And the interesting part of this, Jafari added, is that when the model is working well, the confidence on the physics side is going to be higher, which provides an indication of the trustworthiness of the model. “We need more work to be done on this topic,” he said, “but we are going in the direction of showing some of the confidence coming directly from the physics of the neural net.”
In closing, Jafari listed several things that still need to be done. He would like to model the different sources of noise, such as noise in the bioimpedance, and to have a better understanding of the uncertainties associated with estimating the parameters and with the hemodynamics. He would also like the PINN to be more nonrestictive—for example, to figure out how the parameters change from beat to beat.
Then, offering some takeaway messages, he said that real-time updating of the virtual representation for the digital twin is a key feature of his work. Prediction is a critical feature for digital twin applications and real-time decision support. Traditional data-driven AI models struggle with extrapolation beyond observed data and may violate physical constraints. And SciML and PINNs play a critical role, ensuring that digital twins remain trustworthy, physically consistent, and data-efficient.
Heidi Hanson, senior scientist and group lead of biostatistics and biomedical informatics at Oak Ridge National Laboratory, discussed the sources of uncertainty in indoor radon exposure estimates and what that uncertainty means for radiation epidemiology. As context, she said that radon exposure is the second leading cause of lung cancer in the United States, but it is not factored into any recommendations for patients to undergo screening, in large part because it is so hard to measure exposure to radon.
In particular, she said, her focus would be on the data used to estimate indoor radon exposure as well as on feature engineering and how that might affect exposure estimates. Currently, she said, radon estimates are based mainly on the location of people’s residences since much of an individual’s radon exposure comes from radon gas leaking up from the ground into houses, with basements being the places with greatest radon levels. However, Hanson noted, information on radon levels within homes is not available across the entire United States, so developing models for estimating this residential exposure is necessary. Unfortunately, such models are based on data with a lot of error. “So, yes, I can do very cool things,” she said. “I can do machine learning algorithms [and] I can get awesome answers, but are those awesome answers right?”
Hanson talked about two different datasets. One has point-level data for approximately 60,000 residences in the state of Utah. All of the measures are pre-mitigation—that is, before anything was done to lessen the amount of radon in the home—and they were all taken from the basement or bottom level. For this dataset, the data are considered point-level because the actual address where each test was taken is available.
The second dataset contains individual-level estimates with zip code for approximately 720,000 residents of Pennsylvania. These data are also pre-mitigation and taken from the basement or bottom level of a home. The
main difference from the Utah dataset is that while the individual readings were taken from homes, only the zip codes are available (not the addresses for those homes). The fact that the exact point locations are not available leads to problems, Hanson said.

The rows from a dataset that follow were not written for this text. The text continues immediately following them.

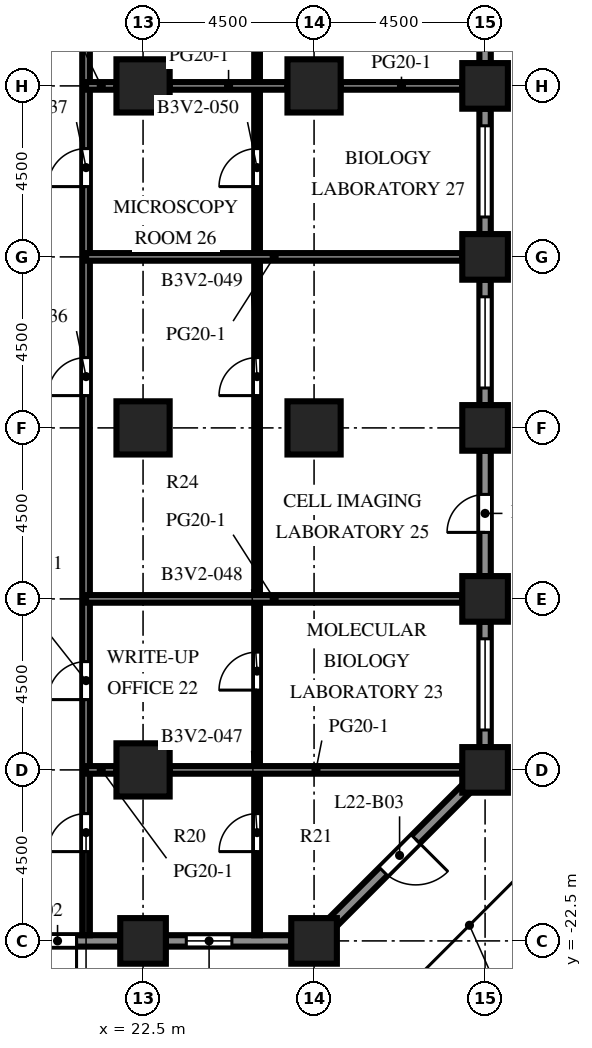
"""IFC4 building model, lengths in metres.
Left out: names, types, materials, properties, quantities, classifications, styles, units other than length and angle.
Written with IfcOpenShell. Run it as: python <this file> out.ifc"""

import sys

from ifc_helpers import new_model, si_unit, direction, frame, frame_2d, origin, origin_2d, place, context, subcontext, project, spatial, rectangle, extrude, element, fill, save


model = new_model("IFC4")
c1 = context("Model", 3, precision=1e-05, world=origin(), true_north=direction((0.0, 1.0)))
c2 = subcontext(c1, "Body", "Model", "MODEL_VIEW")
j1 = project(units=[si_unit("LENGTHUNIT", "METRE"), si_unit("PLANEANGLEUNIT", "RADIAN")], contexts=[c1])
p1 = place(None, origin())
s1 = spatial("IfcSite", under=j1, at=p1, CompositionType="ELEMENT")
p2 = place(p1, origin())
s2 = spatial("IfcBuilding", under=s1, at=p2, CompositionType="ELEMENT")
p3 = place(p2, frame((0.0, 0.0, 98.4)))
s3 = spatial("IfcBuildingStorey", under=s2, at=p3, CompositionType="ELEMENT", Elevation=98.4)
for number, where, z_axis, x_axis in (
    (1, (22.5, -22.5, 0.0), (0.0, 0.0, 1.0), (1.0, 0.0, 0.0)),
    (2, (27.0, -22.5, 0.0), (0.0, 0.0, 1.0), (1.0, 0.0, 0.0)),
    (3, (31.5, -18.0, 0.0), (0.0, 0.0, 1.0), (1.0, 0.0, 0.0)),
    (4, (31.5, -13.5, 0.0), (0.0, 0.0, 1.0), (1.0, 0.0, 0.0)),
    (5, (31.5, -9.0, 0.0), (0.0, 0.0, 1.0), (1.0, 0.0, 0.0)),
    (6, (31.5, -4.5, 0.0), (0.0, 0.0, 1.0), (1.0, 0.0, 0.0)),
    (7, (31.5, 0.0, 0.0), (0.0, 0.0, 1.0), (1.0, 0.0, 0.0)),
):
    element("IfcColumn", number, at=place(p3, frame(where, z_axis=z_axis, x_axis=x_axis)), inside=s3, PredefinedType="COLUMN", context=c2, shape_type="SweptSolid", body=[
        extrude(rectangle(XDim=1.2, YDim=1.2, at=origin_2d()), origin(), (0.0, 0.0, 1.0), 4.1),
    ])
for number, where, z_axis, x_axis in (
    (8, (22.5, -18.0, 0.0), (0.0, 0.0, 1.0), (1.0, 0.0, 0.0)),
    (9, (22.5, -9.0, 0.0), (0.0, 0.0, 1.0), (1.0, 0.0, 0.0)),
    (10, (22.5, 0.0, 0.0), (0.0, 0.0, 1.0), (1.0, 0.0, 0.0)),
    (11, (27.0, -9.0, 0.0), (0.0, 0.0, 1.0), (1.0, 0.0, 0.0)),
    (12, (27.0, 0.0, 0.0), (0.0, 0.0, 1.0), (1.0, 0.0, 0.0)),
):
    element("IfcColumn", number, at=place(p3, frame(where, z_axis=z_axis, x_axis=x_axis)), inside=s3, PredefinedType="COLUMN", context=c2, shape_type="SweptSolid", body=[
        extrude(rectangle(XDim=1.4, YDim=1.4, at=origin_2d()), origin(), (0.0, 0.0, 1.0), 4.1),
    ])
p4 = place(p3, frame((21.9, -22.5, 0.0), z_axis=(0.0, 0.0, 1.0), x_axis=(-1.0, 0.0, 0.0)))
e13 = element("IfcWall", 13, at=p4, inside=s3, PredefinedType="SOLIDWALL", context=c2, shape_type="SweptSolid", body=[
    extrude(rectangle(XDim=3.3, YDim=0.3, at=frame_2d((1.65, 0.0))), origin(), (0.0, 0.0, 1.0), 2.75),
])
p5 = place(p4, frame((1.15, 0.0, 0.0)))
e14 = element("IfcOpeningElement", 14, at=p5, cuts=e13, PredefinedType="OPENING", context=c2, shape_type="SweptSolid", body=[
    extrude(rectangle(XDim=1.0, YDim=2.2, at=frame_2d((0.5, 1.1))), frame((0.0, 0.16, 0.0), z_axis=(0.0, -1.0, 0.0), x_axis=(1.0, 0.0, 0.0)), (0.0, 0.0, 1.0), 0.32),
])
p6 = place(p3, frame((26.4, -22.5, 0.0), z_axis=(0.0, 0.0, 1.0), x_axis=(-1.0, 0.0, 0.0)))
e15 = element("IfcWall", 15, at=p6, inside=s3, PredefinedType="SOLIDWALL", context=c2, shape_type="SweptSolid", body=[
    extrude(rectangle(XDim=3.3, YDim=0.3, at=frame_2d((1.65, 0.0))), origin(), (0.0, 0.0, 1.0), 2.75),
])
p7 = place(p6, frame((1.562, 0.0, 0.8)))
e16 = element("IfcOpeningElement", 16, at=p7, cuts=e15, PredefinedType="OPENING", context=c2, shape_type="SweptSolid", body=[
    extrude(rectangle(XDim=1.2, YDim=1.7, at=frame_2d((0.6, 0.85))), frame((0.0, 0.16, 0.0), z_axis=(0.0, -1.0, 0.0), x_axis=(1.0, 0.0, 0.0)), (0.0, 0.0, 1.0), 0.32),
])
p8 = place(p3, frame((31.006, -18.494, 0.0), z_axis=(0.0, 0.0, 1.0), x_axis=(-0.707106781187, -0.707106781187, 0.0)))
e17 = element("IfcWall", 17, at=p8, inside=s3, PredefinedType="SOLIDWALL", context=c2, shape_type="SweptSolid", body=[
    extrude(rectangle(XDim=4.967, YDim=0.3, at=frame_2d((2.483, 0.0))), origin(), (0.0, 0.0, 1.0), 2.75),
])
p9 = place(p8, frame((1.884, 0.0, 0.0)))
e18 = element("IfcOpeningElement", 18, at=p9, cuts=e17, PredefinedType="OPENING", context=c2, shape_type="SweptSolid", body=[
    extrude(rectangle(XDim=1.2, YDim=2.2, at=frame_2d((0.6, 1.1))), frame((0.0, 0.16, 0.0), z_axis=(0.0, -1.0, 0.0), x_axis=(1.0, 0.0, 0.0)), (0.0, 0.0, 1.0), 0.32),
])
p10 = place(p3, frame((31.5, -14.1, 0.0), z_axis=(0.0, 0.0, 1.0), x_axis=(0.0, -1.0, 0.0)))
e19 = element("IfcWall", 19, at=p10, inside=s3, PredefinedType="SOLIDWALL", context=c2, shape_type="SweptSolid", body=[
    extrude(rectangle(XDim=3.3, YDim=0.3, at=frame_2d((1.65, 0.0))), origin(), (0.0, 0.0, 1.0), 2.75),
])
p11 = place(p10, frame((0.45, 0.0, 0.8)))
e20 = element("IfcOpeningElement", 20, at=p11, cuts=e19, PredefinedType="OPENING", context=c2, shape_type="SweptSolid", body=[
    extrude(rectangle(XDim=2.4, YDim=1.7, at=frame_2d((1.2, 0.85))), frame((0.0, 0.16, 0.0), z_axis=(0.0, -1.0, 0.0), x_axis=(1.0, 0.0, 0.0)), (0.0, 0.0, 1.0), 0.32),
])
p12 = place(p3, frame((31.5, -9.6, 0.0), z_axis=(0.0, 0.0, 1.0), x_axis=(0.0, -1.0, 0.0)))
e21 = element("IfcWall", 21, at=p12, inside=s3, PredefinedType="SOLIDWALL", context=c2, shape_type="SweptSolid", body=[
    extrude(rectangle(XDim=3.3, YDim=0.3, at=frame_2d((1.65, 0.0))), origin(), (0.0, 0.0, 1.0), 2.75),
])
p13 = place(p12, frame((1.15, 0.0, 0.0)))
e22 = element("IfcOpeningElement", 22, at=p13, cuts=e21, PredefinedType="OPENING", context=c2, shape_type="SweptSolid", body=[
    extrude(rectangle(XDim=1.0, YDim=2.2, at=frame_2d((0.5, 1.1))), frame((0.0, 0.16, 0.0), z_axis=(0.0, -1.0, 0.0), x_axis=(1.0, 0.0, 0.0)), (0.0, 0.0, 1.0), 0.32),
])
p14 = place(p3, frame((31.5, -5.1, 0.0), z_axis=(0.0, 0.0, 1.0), x_axis=(0.0, -1.0, 0.0)))
e23 = element("IfcWall", 23, at=p14, inside=s3, PredefinedType="SOLIDWALL", context=c2, shape_type="SweptSolid", body=[
    extrude(rectangle(XDim=3.3, YDim=0.3, at=frame_2d((1.65, 0.0))), origin(), (0.0, 0.0, 1.0), 2.75),
])
p15 = place(p14, frame((0.45, 0.0, 0.8)))
e24 = element("IfcOpeningElement", 24, at=p15, cuts=e23, PredefinedType="OPENING", context=c2, shape_type="SweptSolid", body=[
    extrude(rectangle(XDim=2.4, YDim=1.7, at=frame_2d((1.2, 0.85))), frame((0.0, 0.16, 0.0), z_axis=(0.0, -1.0, 0.0), x_axis=(1.0, 0.0, 0.0)), (0.0, 0.0, 1.0), 0.32),
])
p16 = place(p3, frame((31.5, -0.6, 0.0), z_axis=(0.0, 0.0, 1.0), x_axis=(0.0, -1.0, 0.0)))
e25 = element("IfcWall", 25, at=p16, inside=s3, PredefinedType="SOLIDWALL", context=c2, shape_type="SweptSolid", body=[
    extrude(rectangle(XDim=3.3, YDim=0.3, at=frame_2d((1.65, 0.0))), origin(), (0.0, 0.0, 1.0), 2.75),
])
p17 = place(p16, frame((0.45, 0.0, 0.8)))
e26 = element("IfcOpeningElement", 26, at=p17, cuts=e25, PredefinedType="OPENING", context=c2, shape_type="SweptSolid", body=[
    extrude(rectangle(XDim=2.4, YDim=1.7, at=frame_2d((1.2, 0.85))), frame((0.0, 0.16, 0.0), z_axis=(0.0, -1.0, 0.0), x_axis=(1.0, 0.0, 0.0)), (0.0, 0.0, 1.0), 0.32),
])
p18 = place(p3, frame((31.5, 3.9, 0.0), z_axis=(0.0, 0.0, 1.0), x_axis=(0.0, -1.0, 0.0)))
e27 = element("IfcWall", 27, at=p18, inside=s3, PredefinedType="SOLIDWALL", context=c2, shape_type="SweptSolid", body=[
    extrude(rectangle(XDim=3.3, YDim=0.3, at=frame_2d((1.65, 0.0))), origin(), (0.0, 0.0, 1.0), 2.75),
])
p19 = place(p18, frame((0.45, 0.0, 0.8)))
e28 = element("IfcOpeningElement", 28, at=p19, cuts=e27, PredefinedType="OPENING", context=c2, shape_type="SweptSolid", body=[
    extrude(rectangle(XDim=2.4, YDim=1.7, at=frame_2d((1.2, 0.85))), frame((0.0, 0.16, 0.0), z_axis=(0.0, -1.0, 0.0), x_axis=(1.0, 0.0, 0.0)), (0.0, 0.0, 1.0), 0.32),
])
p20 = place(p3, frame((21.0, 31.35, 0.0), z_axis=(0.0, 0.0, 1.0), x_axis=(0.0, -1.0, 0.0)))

Several factors can lead to uncertainties in the modeling of radon exposure, Hanson said, including such familiar factors as temporal variation, spatial variation, and measurement variation. But, she continued, she focused on the choices that are made in geoprocessing the data for a model and how those choices lead to uncertainty as well.
In creating a prediction model, Hanson explained, one needs to use various sorts of data, such as soil concentrations of radon, information about housing characteristics, information about the water table, elevation, and so on. Unfortunately, she said, these data come in many different shapes and sizes: “So I have a really big problem stacking different polygons—not everything comes into the point location.” To deal with that, people generally aggregate up to the lowest common unit. For instance, since the exposure estimates in Pennsylvania are available only at the zip code level, she would take all of the more detailed information and aggregate it to the zip code.
Using the Utah dataset to illustrate, Hanson began by explaining how she does spatial indexing. The dataset has point locations for every house with a radon measure, and those appear on a map as individual dots. However, she said, she does not have similar location information for all of her data, so to get her data to a common unit she overlays a hexagonal grid over the entire space. In that way, she said, “I can always use the lowest level of information that makes sense and tie everything to one of those hexes. . . . I’m scaling up and down depending on the dataset that I’m using, but these grids allow me to do this. So this is truly just a data engineering trick.”
When it makes sense, Hanson continued, she can aggregate multiple hexagons getting values for the new combined hexagons by using weighted averages of the values of the individual hexagons. Such aggregation has various weaknesses, and Hanson described one technique—population masking—that can be used to mitigate some of those weaknesses. For example, she said, there are various places in Pennsylvania where no one lives, so no home radon test values are available in those areas. So if she wants to run an analysis comparing the characteristics of the soil—particularly the percent of clay—against home radon values, she does not want to include soil information for those areas where people do not live. The answer is to take the map of soil characteristics across Pennsylvania and then “population mask” it. “I mask out everything that has no possible chance that I’m going to get indoor home radon test value from that area,” she said. “Because we use this spatial indexing, we can easily stack and get the information that we want across all the different layers that we’re putting in.”
Aggregating spatial data makes it impossible to see all of the heterogeneity in the data, Hanson noted, and it also hides some of the bias. For instance, in Salt Lake County, Utah, areas of lower socioeconomic status do not generally have many home radon detectors, so little or no data exist in these areas. More generally, she said, she knows her data have various issues that she may not be able to solve, but because she does not want that to stop her from learning more about her data and creating better models, she works with what she has. But to do that, she needs to characterize the uncertainty in the data, which she does with what she called a triangulation method. “I know there are things I’m not going to be able to correct,” she said, “but I want to use multiple models so I can have an in-depth understanding of what I’m really looking at.”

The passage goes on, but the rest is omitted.